# Huge arboreal tree monitor cage undertaking - your input is needed!



## Unravel (Jun 14, 2011)

Hello guys,

I am acquiring this 86x30x30 arboreal enclosure originally made for an iguana. My goal is to convert it into an arboreal monitor enclosure (have a green tree monitor lined up to go in it). 

To start off, here's a crappy phone picture, ill take better pics when it gets delivered to my house.







The windows are plexiglass (the left one looks like chicken wire, but theres plexi infront of the wire)

The top vents are chicken wire (i will be putting plexiglass in those slots)

There is room for about 3-4'' inches of substrate at the bottom, which i hope is enough. If not i can install a lip and easily increase the sub level. 

At the top there's a slot for an automatic mister. 

The material is real wood and the back is some sort of an odd compressed plywood but not the grade thats like.. ikea stuff.. really dense and secure looking stuff, coated with some black material, regardless im gonna completely cover the back with cocofiber rolls so it shouldnt matter too much. 

Cage is a bit dirty but ill take care of that.

My main challenge will be getting the right heat with recessed lights, do they look almost too far out to create a good basking spot? 

What worries me a little is the main door is not PERFECTLY sealed, so there will be minimal ventilation.

Basically, does this sound like a good undertaking and do you think i can convert this into a decent tree monitor cage or should i say screw it and buy a $400 dollar cage from repti-racks thats 4x4x2 feet and be done with it. 

Appreciate any advice, thanks guys!


----------



## Crysta (Jun 14, 2011)

The hieght is awesome..but you must consider your monitor is going to be 30"ish +- inches long, so the cage should be 2x wider then that for it to properly excersize. But that's just my opinion. However, you could create an extension on that cage to have an area for walking. (like it's own door thing they do with lion cages. )


----------



## OphidianDelight (Jun 14, 2011)

I saw something neat in a monitor enclosure I saw on youtube; the keeper had placed reed-mat blinds along a wall for the monitor to climb on.  Just an idea for furnishings it can climb on.


----------



## Alejandro45 (Jun 14, 2011)

I really like it just needs a few modifications. Prasinus types are much more active than other indo types.

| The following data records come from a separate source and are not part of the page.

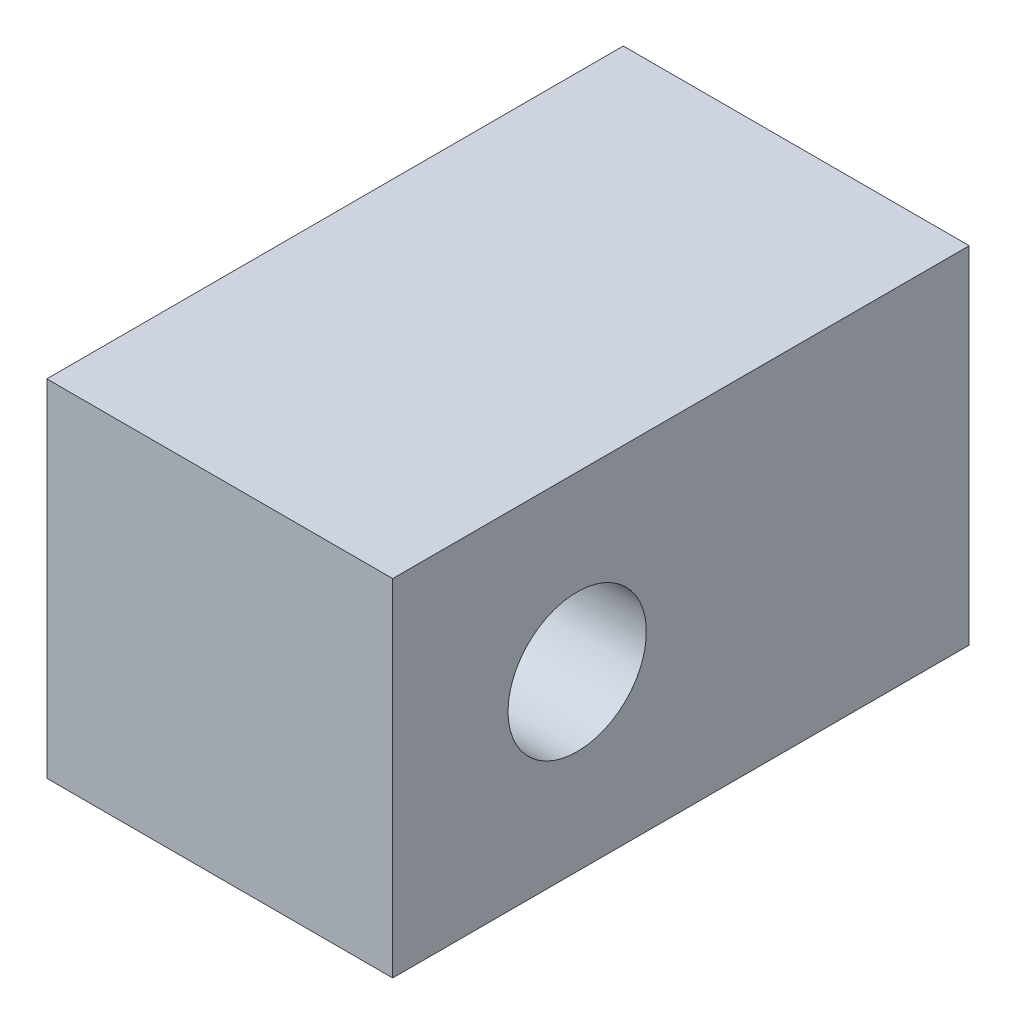
from build123d import *

# Parameters (mm, degrees)
SKETCH1_W               = 15
SKETCH1_H               = 15
BOSS_EXTRUDE1_DEPTH     = 25
CUT_EXTRUDE1_DEPTH      = 31.103986447
CUT_EXTRUDE1_DEPTH_BACK = 31.103986447
SKETCH2_R               = 3


with BuildPart() as part:
    # Sketch1 → Boss-Extrude1 (new body)
    with BuildSketch(Plane.XY):
        Rectangle(SKETCH1_W, SKETCH1_H)
    extrude(amount=BOSS_EXTRUDE1_DEPTH)

    # Sketch2 → Cut-Extrude1 (cut, two sides: drawn at the far end of the back side and taken through both)
    with BuildSketch(Plane.ZY.offset(7.5).offset(-CUT_EXTRUDE1_DEPTH_BACK)):
        with Locations((17, 0)):
            Circle(SKETCH2_R)
    extrude(amount=CUT_EXTRUDE1_DEPTH + CUT_EXTRUDE1_DEPTH_BACK, mode=Mode.SUBTRACT)


solid = part.part
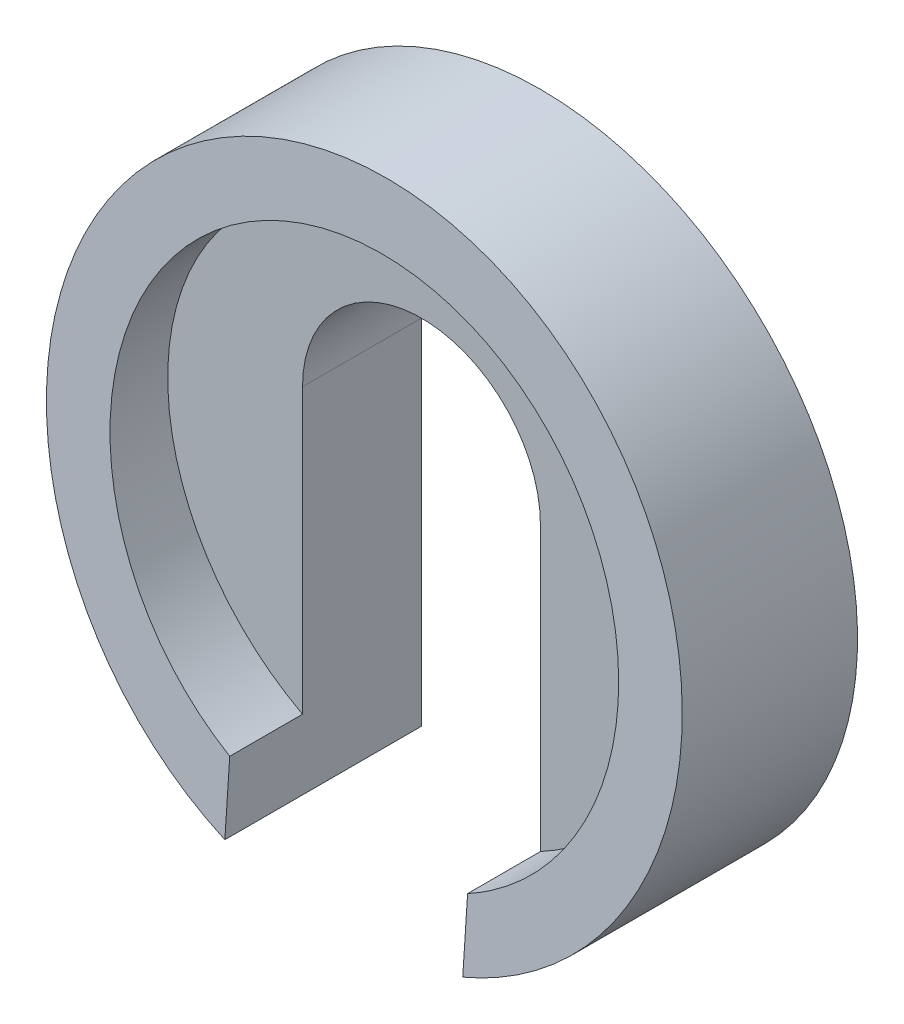
from build123d import *

# Parameters (mm, degrees)
CUT_EXTRUDE1_DEPTH      = 124.693168769
CUT_EXTRUDE1_DEPTH_BACK = 124.693168769
CUT_EXTRUDE2_DEPTH      = 124.693168769


with BuildPart() as part:
    # Sketch1 → Revolve2 (revolve)
    with BuildSketch(Plane(origin=(0, 0, 0), x_dir=(0, 0, -1), z_dir=(1, 0, 0))):
        Polygon((-50, 64), (-50, 80), (0, 80), (0, 0), (-30, 0), (-30, 64), align=None)
    revolve(axis=Axis((0, 0, -85.976986238), (0, 0, 1)))

    # Sketch2 → Cut-Extrude1 (cut, two sides: drawn at the far end of the back side and taken through both)
    with BuildSketch(Plane(origin=(0, 0, 0), x_dir=(0, 0, -1), z_dir=(1, 0, 0)).offset(-CUT_EXTRUDE1_DEPTH_BACK)):
        Polygon((-50, 80), (-38.811710089, 80), (-50, -80), align=None)
    extrude(amount=CUT_EXTRUDE1_DEPTH + CUT_EXTRUDE1_DEPTH_BACK, mode=Mode.SUBTRACT)

    # Sketch3 → Cut-Extrude2 (cut, through all)
    with BuildSketch(Plane.XY):
        with BuildLine():
            Line((30, 15), (30, -100))
            ThreePointArc((30, -100), (0, -130), (-30, -100))
            Line((-30, -100), (-30, 15))
            ThreePointArc((-30, 15), (0, 45), (30, 15))
        make_face()
    extrude(amount=CUT_EXTRUDE2_DEPTH, mode=Mode.SUBTRACT)


solid = part.part
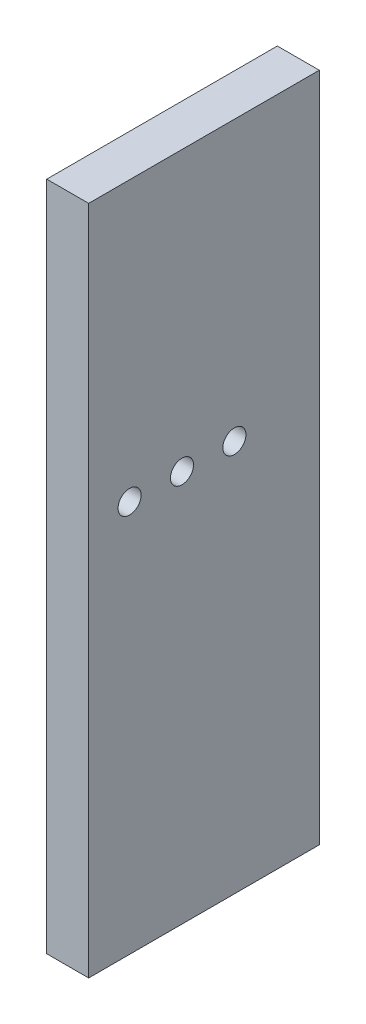
SolidWorks part; units mm, degrees
ref_plane "Front Plane" through (0, 0, 0) normal (0, 0, 1) x (1, 0, 0)
ref_plane "Top Plane" through (0, 0, 0) normal (0, 1, 0) x (1, 0, 0)
ref_plane "Right Plane" through (0, 0, 0) normal (1, 0, 0) x (0, 0, -1)
sketch "Sketch1" plane through (0, 0, 0) normal (0, 0, 1) x (1, 0, 0)
  line L1 (-120, 460) -> (-100, 460)
  line L2 (-120, 460) -> (-120, 140)
  line L3 (-120, 140) -> (-100, 140)
  line L4 (-100, 460) -> (-100, 140)
  dimension "D1" = 20
  dimension "D2" = 320
extrude "Boss-Extrude1" add sketch "Sketch1" along normal blind 110 contours L4 L3 L2 L1
hole_wizard "CBORE for M10 Hex Head Bolt1" positions "Sketch2" profile "Sketch3" counterbore size "M10" standard "GB"
sketch "Sketch2" plane through (-120, 0, 0) normal (-1, 0, 0) x (0, 0, 1)
  point P0 (40.49, 327)
  point P3 (65.49, 327)
  point P6 (90.49, 327)
sketch "Sketch3" plane through (-120, 327, 40.49) normal (0, 1, 0) x (0, 0, 1)
  line L0 (0, 0) -> (0, 25.5547)
  line L1 (0, 25.5547) -> (5.5, 22.25)
  line L2 (5.5, 22.25) -> (5.5, 10)
  line L3 (5.5, 10) -> (7.5, 10)
  line L4 (7.5, 10) -> (7.5, 0)
  line L5 (7.5, 0) -> (0, 0)
  line L10 (0, 25.5547) -> (-5.5, 22.25) construction
  line L11 (0, -6.35) -> (0, 107.95) construction
  dimension "孔直径" = 11
  dimension "孔深度" = 22.25
  dimension "柱形沉头孔直径" = 15
  dimension "柱形沉头孔深度" = 10
  dimension "导头角度" = 118
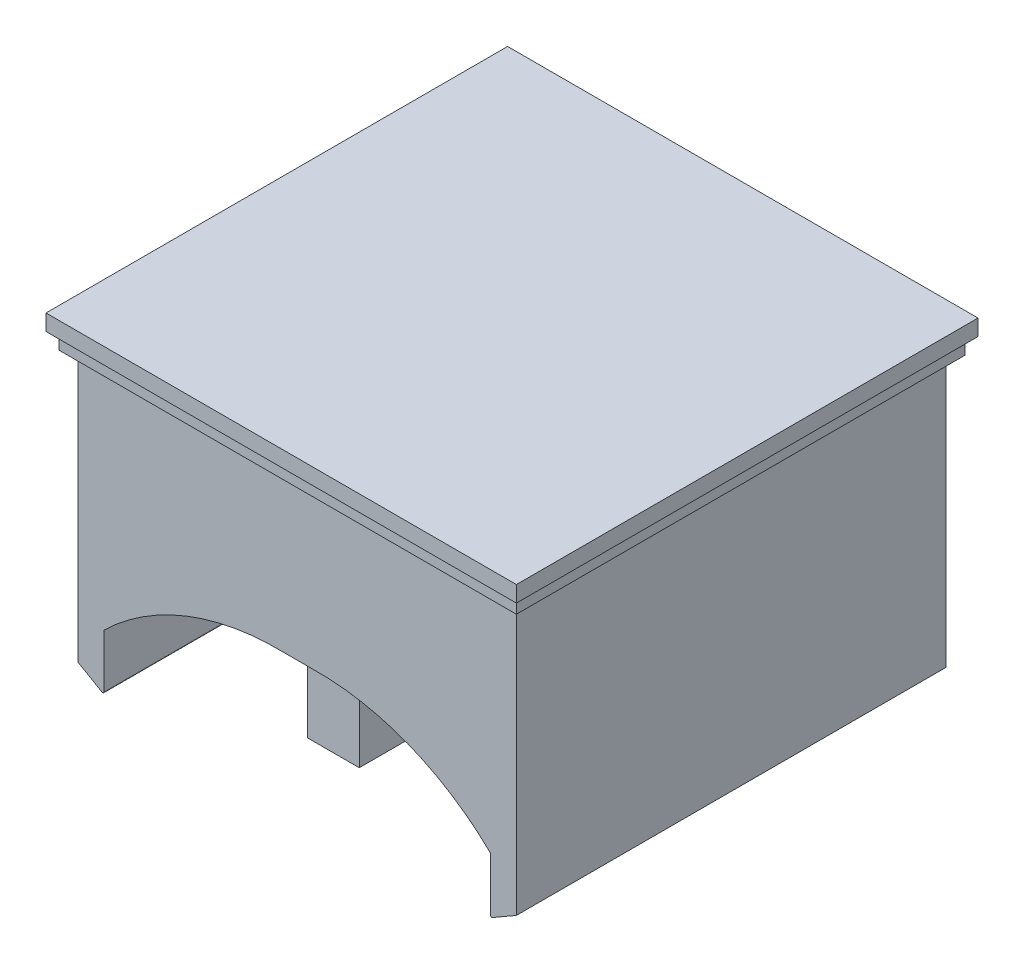
from build123d import *

# Parameters (mm, degrees)
BOSS_EXTRUDE1_DEPTH = 66.78
SKETCH3_W           = 8.06
SKETCH3_H           = 55.56
BOSS_EXTRUDE2_DEPTH = 40
SKETCH5_W           = 71.144376366
SKETCH5_H           = 69.78
BOSS_EXTRUDE4_DEPTH = 2.5
SKETCH6_W           = 73.144376366
SKETCH6_H           = 71.78
BOSS_EXTRUDE5_DEPTH = 2.5
SKETCH7_R           = 1.5
CUT_EXTRUDE1_DEPTH  = 10


with BuildPart() as part:
    # Sketch1 → Boss-Extrude1 (new body)
    with BuildSketch(Plane.XY):
        with BuildLine():
            Line((-34.072188183, 25.498094011), (34.072188183, 25.498094011))
            Line((34.072188183, 25.498094011), (34.072188183, -16.561905989))
            Line((34.072188183, -16.561905989), (30.370310886, -18.699185843))
            ThreePointArc((30.370310886, -18.699185843), (30.140310886, -18.699185843), (30.025310886, -18.5))
            Line((30.025310886, -18.5), (30.025310886, -10.173149416))
            ThreePointArc((30.025310886, -10.173149416), (17.215197166, -1.899763481), (2.201193992, 0.77))
            Line((2.201193992, 0.77), (0, 0.77))
            Line((0, 0.77), (-2.201193992, 0.77))
            ThreePointArc((-2.201193992, 0.77), (-17.215197166, -1.899763481), (-30.025310886, -10.173149416))
            Line((-30.025310886, -10.173149416), (-30.025310886, -18.5))
            ThreePointArc((-30.025310886, -18.5), (-30.140310886, -18.699185843), (-30.370310886, -18.699185843))
            Line((-30.370310886, -18.699185843), (-34.072188183, -16.561905989))
            Line((-34.072188183, -16.561905989), (-34.072188183, 25.498094011))
        make_face()
    extrude(amount=-BOSS_EXTRUDE1_DEPTH)

    # Sketch3 → Boss-Extrude2 (add)
    with BuildSketch(Plane(origin=(0, 25.498094011, 0), x_dir=(1, 0, 0), z_dir=(0, 1, 0))):
        with Locations((0, 33.39)):
            Rectangle(SKETCH3_W, SKETCH3_H)
    extrude(amount=-BOSS_EXTRUDE2_DEPTH)

    # Sketch5 → Boss-Extrude4 (add)
    with BuildSketch(Plane(origin=(0, 25.498094011, 0), x_dir=(1, 0, 0), z_dir=(0, 1, 0))):
        with Locations((0, 33.39)):
            Rectangle(SKETCH5_W, SKETCH5_H)
    extrude(amount=BOSS_EXTRUDE4_DEPTH)

    # Sketch6 → Boss-Extrude5 (add)
    with BuildSketch(Plane(origin=(0, 27.998094011, 0), x_dir=(1, 0, 0), z_dir=(0, 1, 0))):
        with Locations((0, 33.39)):
            Rectangle(SKETCH6_W, SKETCH6_H)
    extrude(amount=BOSS_EXTRUDE5_DEPTH)

    # Sketch7 → Cut-Extrude1 (cut)
    with BuildSketch(Plane(origin=(0, 0, -66.78), x_dir=(-1, 0, 0), z_dir=(0, 0, -1))):
        with Locations((0, 6.101165809)):
            Circle(SKETCH7_R)
        with Locations((0, 16.101165809)):
            Circle(SKETCH7_R)
    extrude(amount=-CUT_EXTRUDE1_DEPTH, mode=Mode.SUBTRACT)


solid = part.part

I would recommend putting at least 18inch of cocohust sand mix, or leaf litter. It would help create a base for holding humidity and slows down the decrease of the cage over all temperature. Think compost heap...this also gives the tree monitors another option for where they should lay their eggs. 

Use a low wattage bulb like a 45 watt incandescent flood. As long as the hotspot is up 125 and the cool is 72 that’s perfect. GE bulbs are best, you can also use halogen bulbs as they get a lot hotter at lower watts. 

Try getting a hallow log about 6 inches in diameter and about 75 inches long. "These lizards live on and in logs that are large and stable. They do not like to be on rickety branches." Think of where you would prefer to sleep on a hammock outside were there are predators or inside on your master bed where your safe. 

Fill the log with either leaf litter or cocohusk mixed with sand. This is a home for them and will provide another nesting option whenever they do breed. Put the log underneath the basking light, this will allow for a temperature gradient inside the log which is ideal since all monitors need a range of temperatures. 

I see you are going to cover up the screen, good man cover it all. The small gap between the door is plenty ventilation and you may see a strange occurrence where the lizard will point his arse in the small gap and crap right out of there. 

These lizards eat a lot and a starter colony of lateralis would be good. Supplement their diet with fuzzy mice and you will see some fat and healthy prasinus in no time at all.

Best of luck to you. 

Alejandro


----------



## Unravel (Jun 15, 2011)

Thank you guys  

i asked this same question on monitor forums (varanus) and holy crap they're tearing me apart haha. What a nice bunch of people so far 

I'm almost looking forward to the DYI part of this, will be quite an investment but should turn out pretty great


----------



## Alejandro45 (Jun 15, 2011)

Varanus.net 

yeah there are some pretty dedicated guys on there.

The thing is monitors make you think and you cannot force a monitor to live like a bird or a anole, if you try and force them they will die. 

Its like keeping a salamander that eats alot and needs a hot and cool spot with little to no ventilation.


----------



## pavel (Jun 15, 2011)

Unravel said:


> the back is some sort of an odd compressed plywood but not the grade thats like.. ikea stuff.. really dense and secure looking stuff, coated with some black material,


Sweet tank.    I would hazard a guess that the "black material" is likely a sealant to protect the plywood from moisture so it doesn't rot/warp/harbor molds, etc.


----------



## Unravel (Jun 15, 2011)

guys, ive actually backed out of that tank. After thinking and thinking about it, i went with a 48x40x40 reptiracks for $400 instead of this. I figure by the time im done with it i would spend close to $400 anyway or more, and it might not be an optimal home for my new friend.

better safe than sorry right,

either way expect pictures =)


----------